Chief Justice schrieb:


> Ich fische die Ecusima jetzt ca. seit nem halben Jahr und bin hellauf begeistert. Ich muss dazu sagen, dass ich noch nie mit "teuren" Rollen gefischt habe ..., aber *ein besseres Preis-Leistungs-Verhältnis* wirst du in dieser Klasse nicht bekommen.


Du hattest Doch auch schon das essentielle gesagt. 

Da geht`s dann nur noch um Details und Beweggründe ...

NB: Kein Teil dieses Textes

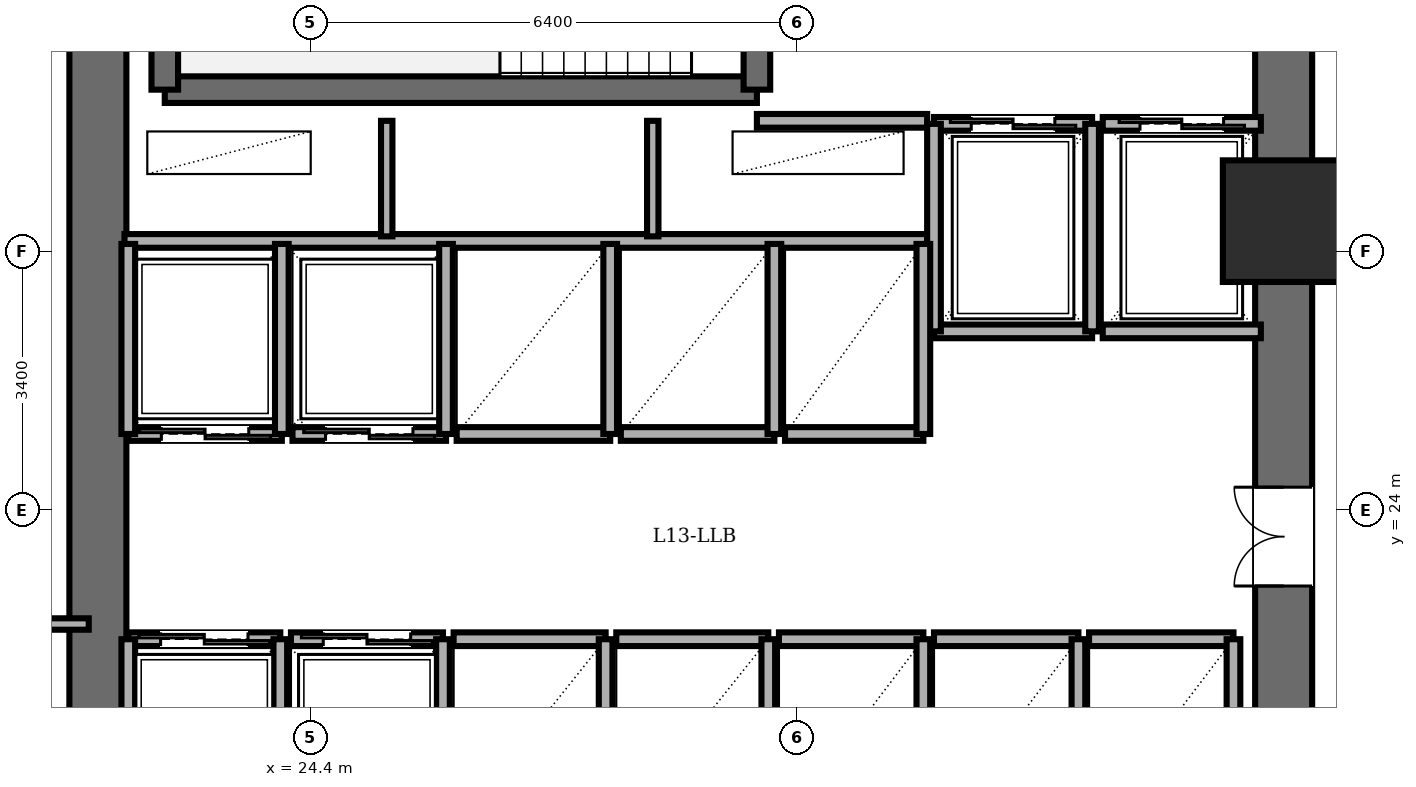
"""IFC4 building model, lengths in metres.
Left out: names, types, materials, properties, quantities, classifications, styles, units other than length and angle.
Written with IfcOpenShell. Run it as: python <this file> out.ifc"""

import sys

from ifc_helpers import new_model, si_unit, direction, frame, frame_2d, origin, origin_2d, place, context, subcontext, project, spatial, rectangle, extrude, element, fill, save


model = new_model("IFC4")
c1 = context("Model", 3, precision=1e-05, world=origin(), true_north=direction((0.0, 1.0)))
c2 = subcontext(c1, "Body", "Model", "MODEL_VIEW")
j1 = project(units=[si_unit("LENGTHUNIT", "METRE"), si_unit("PLANEANGLEUNIT", "RADIAN")], contexts=[c1])
p1 = place(None, origin())
s1 = spatial("IfcSite", under=j1, at=p1, CompositionType="ELEMENT")
p2 = place(p1, origin())
s2 = spatial("IfcBuilding", under=s1, at=p2, CompositionType="ELEMENT")
p3 = place(p2, frame((0.0, 0.0, 50.4)))
s3 = spatial("IfcBuildingStorey", under=s2, at=p3, CompositionType="ELEMENT", Elevation=50.4)
p4 = place(p3, frame((37.2, 27.8, 0.0), z_axis=(0.0, 0.0, 1.0), x_axis=(1.0, 0.0, 0.0)))
e1 = element("IfcColumn", 1, at=p4, inside=s3, PredefinedType="COLUMN", context=c2, shape_type="SweptSolid", body=[
    extrude(rectangle(XDim=1.6, YDim=1.6, at=origin_2d()), origin(), (0.0, 0.0, 1.0), 3.6),
])
p5 = place(p3, frame((21.6, 14.4, 0.0), z_axis=(0.0, 0.0, 1.0), x_axis=(0.0, 1.0, 0.0)))
e2 = element("IfcWall", 2, at=p5, inside=s3, PredefinedType="SHEAR", context=c2, shape_type="SweptSolid", body=[
    extrude(rectangle(XDim=19.2, YDim=0.75, at=frame_2d((9.6, 0.0))), origin(), (0.0, 0.0, 1.0), 3.4),
])
p6 = place(p3, frame((37.2, 14.4, 0.0), z_axis=(0.0, 0.0, 1.0), x_axis=(0.0, 1.0, 0.0)))
e3 = element("IfcWall", 3, at=p6, inside=s3, PredefinedType="SHEAR", context=c2, shape_type="SweptSolid", body=[
    extrude(rectangle(XDim=19.2, YDim=0.75, at=frame_2d((9.6, 0.0))), origin(), (0.0, 0.0, 1.0), 3.4),
])
p7 = place(p6, frame((15.8, 0.0, 0.0)))
e4 = element("IfcOpeningElement", 4, at=p7, cuts=e3, PredefinedType="OPENING", context=c2, shape_type="SweptSolid", body=[
    extrude(rectangle(XDim=1.15, YDim=2.15, at=frame_2d((0.575, 1.075))), frame((0.0, 0.385, 0.0), z_axis=(0.0, -1.0, 0.0), x_axis=(1.0, 0.0, 0.0)), (0.0, 0.0, 1.0), 0.77),
])
p8 = place(p6, frame((3.6, 0.0, 0.0)))
e5 = element("IfcOpeningElement", 5, at=p8, cuts=e3, PredefinedType="OPENING", context=c2, shape_type="SweptSolid", body=[
    extrude(rectangle(XDim=1.1, YDim=2.15, at=frame_2d((0.55, 1.075))), frame((0.0, 0.385, 0.0), z_axis=(0.0, -1.0, 0.0), x_axis=(1.0, 0.0, 0.0)), (0.0, 0.0, 1.0), 0.77),
])
p9 = place(p6, frame((8.6, 0.0, 0.0)))
e6 = element("IfcOpeningElement", 6, at=p9, cuts=e3, PredefinedType="OPENING", context=c2, shape_type="SweptSolid", body=[
    extrude(rectangle(XDim=1.3, YDim=2.2, at=frame_2d((0.65, 1.1))), frame((0.0, 0.385, 0.0), z_axis=(0.0, -1.0, 0.0), x_axis=(1.0, 0.0, 0.0)), (0.0, 0.0, 1.0), 0.77),
])
p10 = place(p3, frame((22.48, 29.53, 0.0), z_axis=(0.0, 0.0, 1.0), x_axis=(1.0, 0.0, 0.0)))
e7 = element("IfcWall", 7, at=p10, inside=s3, PredefinedType="SOLIDWALL", context=c2, shape_type="SweptSolid", body=[
    extrude(rectangle(XDim=7.79, YDim=0.35, at=frame_2d((3.895, 0.0))), origin(), (0.0, 0.0, 1.0), 3.4),
])
p11 = place(p3, frame((22.48, 29.53, 0.0), z_axis=(0.0, 0.0, 1.0), x_axis=(0.0, 1.0, 0.0)))
e8 = element("IfcWall", 8, at=p11, inside=s3, PredefinedType="SOLIDWALL", context=c2, shape_type="SweptSolid", body=[
    extrude(rectangle(XDim=3.58, YDim=0.35, at=frame_2d((1.79, 0.0))), origin(), (0.0, 0.0, 1.0), 3.4),
])
p12 = place(p3, frame((30.27, 29.53, 0.0), z_axis=(0.0, 0.0, 1.0), x_axis=(0.0, 1.0, 0.0)))
e9 = element("IfcWall", 9, at=p12, inside=s3, PredefinedType="SOLIDWALL", context=c2, shape_type="SweptSolid", body=[
    extrude(rectangle(XDim=3.58, YDim=0.35, at=frame_2d((1.79, 0.0))), origin(), (0.0, 0.0, 1.0), 3.4),
])
p13 = place(p12, frame((1.25, 0.0, 0.0)))
e10 = element("IfcOpeningElement", 10, at=p13, cuts=e9, PredefinedType="OPENING", context=c2, shape_type="SweptSolid", body=[
    extrude(rectangle(XDim=1.1, YDim=2.15, at=frame_2d((0.55, 1.075))), frame((0.0, 0.185, 0.0), z_axis=(0.0, -1.0, 0.0), x_axis=(1.0, 0.0, 0.0)), (0.0, 0.0, 1.0), 0.37),
])
p14 = place(p3, frame((30.27, 29.12, 0.0), z_axis=(0.0, 0.0, 1.0), x_axis=(1.0, 0.0, 0.0)))
e11 = element("IfcWall", 11, at=p14, inside=s3, PredefinedType="PARTITIONING", context=c2, shape_type="SweptSolid", body=[
    extrude(rectangle(XDim=2.24, YDim=0.18, at=frame_2d((1.12, 0.0))), origin(), (0.0, 0.0, 1.0), 3.4),
])
p15 = place(p3, frame((21.95, 27.54, 0.0), z_axis=(0.0, 0.0, 1.0), x_axis=(1.0, 0.0, 0.0)))
e12 = element("IfcWall", 12, at=p15, inside=s3, PredefinedType="PARTITIONING", context=c2, shape_type="SweptSolid", body=[
    extrude(rectangle(XDim=10.56, YDim=0.18, at=frame_2d((5.28, 0.0))), origin(), (0.0, 0.0, 1.0), 3.4),
])
for number, where, z_axis, x_axis in (
    (13, (25.4, 27.6, 0.0), (0.0, 0.0, 1.0), (0.0, 1.0, 0.0)),
    (14, (28.9, 27.6, 0.0), (0.0, 0.0, 1.0), (0.0, 1.0, 0.0)),
):
    element("IfcWall", number, at=place(p3, frame(where, z_axis=z_axis, x_axis=x_axis)), inside=s3, PredefinedType="PARTITIONING", context=c2, shape_type="SweptSolid", body=[
        extrude(rectangle(XDim=1.52, YDim=0.15, at=frame_2d((0.76, 0.0))), origin(), (0.0, 0.0, 1.0), 3.4),
    ])
p16 = place(p3, frame((32.6, 29.08, 0.0), z_axis=(0.0, 0.0, 1.0), x_axis=(1.0, 0.0, 0.0)))
e15 = element("IfcWall", 15, at=p16, inside=s3, PredefinedType="PARTITIONING", context=c2, shape_type="SweptSolid", body=[
    extrude(rectangle(XDim=2.08, YDim=0.18, at=frame_2d((1.04, 0.0))), origin(), (0.0, 0.0, 1.0), 3.4),
])
p17 = place(p16, frame((0.49, 0.0, 0.0)))
e16 = element("IfcOpeningElement", 16, at=p17, cuts=e15, PredefinedType="OPENING", context=c2, shape_type="SweptSolid", body=[
    extrude(rectangle(XDim=1.1, YDim=2.2, at=frame_2d((0.55, 1.1))), frame((0.0, 0.1, 0.0), z_axis=(0.0, -1.0, 0.0), x_axis=(1.0, 0.0, 0.0)), (0.0, 0.0, 1.0), 0.2),
])
p18 = place(p3, frame((34.68, 26.35, 0.0), z_axis=(0.0, 0.0, 1.0), x_axis=(-1.0, 0.0, 0.0)))
e17 = element("IfcWall", 17, at=p18, inside=s3, PredefinedType="PARTITIONING", context=c2, shape_type="SweptSolid", body=[
    extrude(rectangle(XDim=2.08, YDim=0.18, at=frame_2d((1.04, 0.0))), origin(), (0.0, 0.0, 1.0), 3.4),
])
for number, where, z_axis, x_axis in (
    (18, (34.68, 26.35, 0.0), (0.0, 0.0, 1.0), (0.0, 1.0, 0.0)),
    (19, (32.6, 29.08, 0.0), (0.0, 0.0, 1.0), (0.0, -1.0, 0.0)),
):
    element("IfcWall", number, at=place(p3, frame(where, z_axis=z_axis, x_axis=x_axis)), inside=s3, PredefinedType="PARTITIONING", context=c2, shape_type="SweptSolid", body=[
        extrude(rectangle(XDim=2.73, YDim=0.18, at=frame_2d((1.365, 0.0))), origin(), (0.0, 0.0, 1.0), 3.4),
    ])
p19 = place(p3, frame((34.82, 29.08, 0.0), z_axis=(0.0, 0.0, 1.0), x_axis=(1.0, 0.0, 0.0)))
e20 = element("IfcWall", 20, at=p19, inside=s3, PredefinedType="PARTITIONING", context=c2, shape_type="SweptSolid", body=[
    extrude(rectangle(XDim=2.08, YDim=0.18, at=frame_2d((1.04, 0.0))), origin(), (0.0, 0.0, 1.0), 3.4),
])
p20 = place(p19, frame((0.49, 0.0, 0.0)))
e21 = element("IfcOpeningElement", 21, at=p20, cuts=e20, PredefinedType="OPENING", context=c2, shape_type="SweptSolid", body=[
    extrude(rectangle(XDim=1.1, YDim=2.2, at=frame_2d((0.55, 1.1))), frame((0.0, 0.1, 0.0), z_axis=(0.0, -1.0, 0.0), x_axis=(1.0, 0.0, 0.0)), (0.0, 0.0, 1.0), 0.2),
])
p21 = place(p3, frame((36.9, 26.35, 0.0), z_axis=(0.0, 0.0, 1.0), x_axis=(-1.0, 0.0, 0.0)))
e22 = element("IfcWall", 22, at=p21, inside=s3, PredefinedType="PARTITIONING", context=c2, shape_type="SweptSolid", body=[
    extrude(rectangle(XDim=2.08, YDim=0.18, at=frame_2d((1.04, 0.0))), origin(), (0.0, 0.0, 1.0), 3.4),
])
p22 = place(p3, frame((24.02, 25.0, 0.0), z_axis=(0.0, 0.0, 1.0), x_axis=(-1.0, 0.0, 0.0)))
e23 = element("IfcWall", 23, at=p22, inside=s3, PredefinedType="PARTITIONING", context=c2, shape_type="SweptSolid", body=[
    extrude(rectangle(XDim=2.02, YDim=0.18, at=frame_2d((1.01, 0.0))), origin(), (0.0, 0.0, 1.0), 3.4),
])
p23 = place(p22, frame((0.435, 0.0, 0.0)))
e24 = element("IfcOpeningElement", 24, at=p23, cuts=e23, PredefinedType="OPENING", context=c2, shape_type="SweptSolid", body=[
    extrude(rectangle(XDim=1.15, YDim=2.2, at=frame_2d((0.575, 1.1))), frame((0.0, 0.1, 0.0), z_axis=(0.0, -1.0, 0.0), x_axis=(1.0, 0.0, 0.0)), (0.0, 0.0, 1.0), 0.2),
])
for number, where, z_axis, x_axis in (
    (25, (24.02, 25.0, 0.0), (0.0, 0.0, 1.0), (0.0, 1.0, 0.0)),
    (26, (22.0, 27.5, 0.0), (0.0, 0.0, 1.0), (0.0, -1.0, 0.0)),
):
    element("IfcWall", number, at=place(p3, frame(where, z_axis=z_axis, x_axis=x_axis)), inside=s3, PredefinedType="PARTITIONING", context=c2, shape_type="SweptSolid", body=[
        extrude(rectangle(XDim=2.5, YDim=0.18, at=frame_2d((1.25, 0.0))), origin(), (0.0, 0.0, 1.0), 3.4),
    ])
p24 = place(p3, frame((26.18, 25.0, 0.0), z_axis=(0.0, 0.0, 1.0), x_axis=(-1.0, 0.0, 0.0)))
e27 = element("IfcWall", 27, at=p24, inside=s3, PredefinedType="PARTITIONING", context=c2, shape_type="SweptSolid", body=[
    extrude(rectangle(XDim=2.02, YDim=0.18, at=frame_2d((1.01, 0.0))), origin(), (0.0, 0.0, 1.0), 3.4),
])
p25 = place(p24, frame((0.435, 0.0, 0.0)))
e28 = element("IfcOpeningElement", 28, at=p25, cuts=e27, PredefinedType="OPENING", context=c2, shape_type="SweptSolid", body=[
    extrude(rectangle(XDim=1.15, YDim=2.2, at=frame_2d((0.575, 1.1))), frame((0.0, 0.1, 0.0), z_axis=(0.0, -1.0, 0.0), x_axis=(1.0, 0.0, 0.0)), (0.0, 0.0, 1.0), 0.2),
])
p26 = place(p3, frame((26.18, 25.0, 0.0), z_axis=(0.0, 0.0, 1.0), x_axis=(0.0, 1.0, 0.0)))
e29 = element("IfcWall", 29, at=p26, inside=s3, PredefinedType="PARTITIONING", context=c2, shape_type="SweptSolid", body=[
    extrude(rectangle(XDim=2.5, YDim=0.18, at=frame_2d((1.25, 0.0))), origin(), (0.0, 0.0, 1.0), 3.4),
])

An der Erfahrung und Einsicht, dass (einige) teurere Rollen schon das ein oder andere mehr bieten, sei es auch vollkommen unproportional zum Preis, daran wirst Du, wie auch ich, nicht vorbei kommen. :m


----------



## Flo-Zanderkönig (22. Juli 2009)

*AW: Mitchell 300XGe vs. Ryobi Ecusima*



Chief Justice schrieb:


> Ich mein, was ihr hier so alles diskutiert und schreibt ist ja recht und schön, aber hat mit der Frage des TE stellenweise leider mal überhaupt gar nix mehr zu tun und wird ihm sicher so ca. null weiterhelfen...
> 
> *Just my 5 Cents*
> 
> Grüße.





Chief Justice schrieb:


> Ich fische die Ecusima jetzt ca. seit nem halben Jahr und bin hellauf begeistert.
> Deshalb von mir: ganz klare Kaufempfehlung!





Denni_Lo schrieb:


> Die Ecusima ist eine feine Rolle für ihr Geld,





Slotti schrieb:


> von daher ist das auch eher Offtopic und die Ecusima in dem Preisbereich meiner Meinung die beste Wahl.






Flo-Zanderkönig schrieb:


> Die Ecuisma ist keine schlechte Rolle für das Geld und um einiges robuster und sauberer laufend als die Mitchell.



#c#c#c#c#c


----------



## TRANSformator (22. Juli 2009)

*AW: Mitchell 300XGe vs. Ryobi Ecusima*

Nicht schon wieder......können wir uns diese Diskussion nicht einfach sparen?

Das sind immer dieselben Leute, die sich darüber unterhalten. Es gibt halt nur wenige hier, die wirklich Rollen zerlegen und warten. Diese haben in meinen Augen wirklich Ahnung von der Materie und können sowas beurteilen.
Andere sehen das anders, da ist eine Rolle, die das doppelte kostet, natürlich auch besser, obwohl diese Leute vll gerade in der Lage sind, die Kurbel abzuschrauben.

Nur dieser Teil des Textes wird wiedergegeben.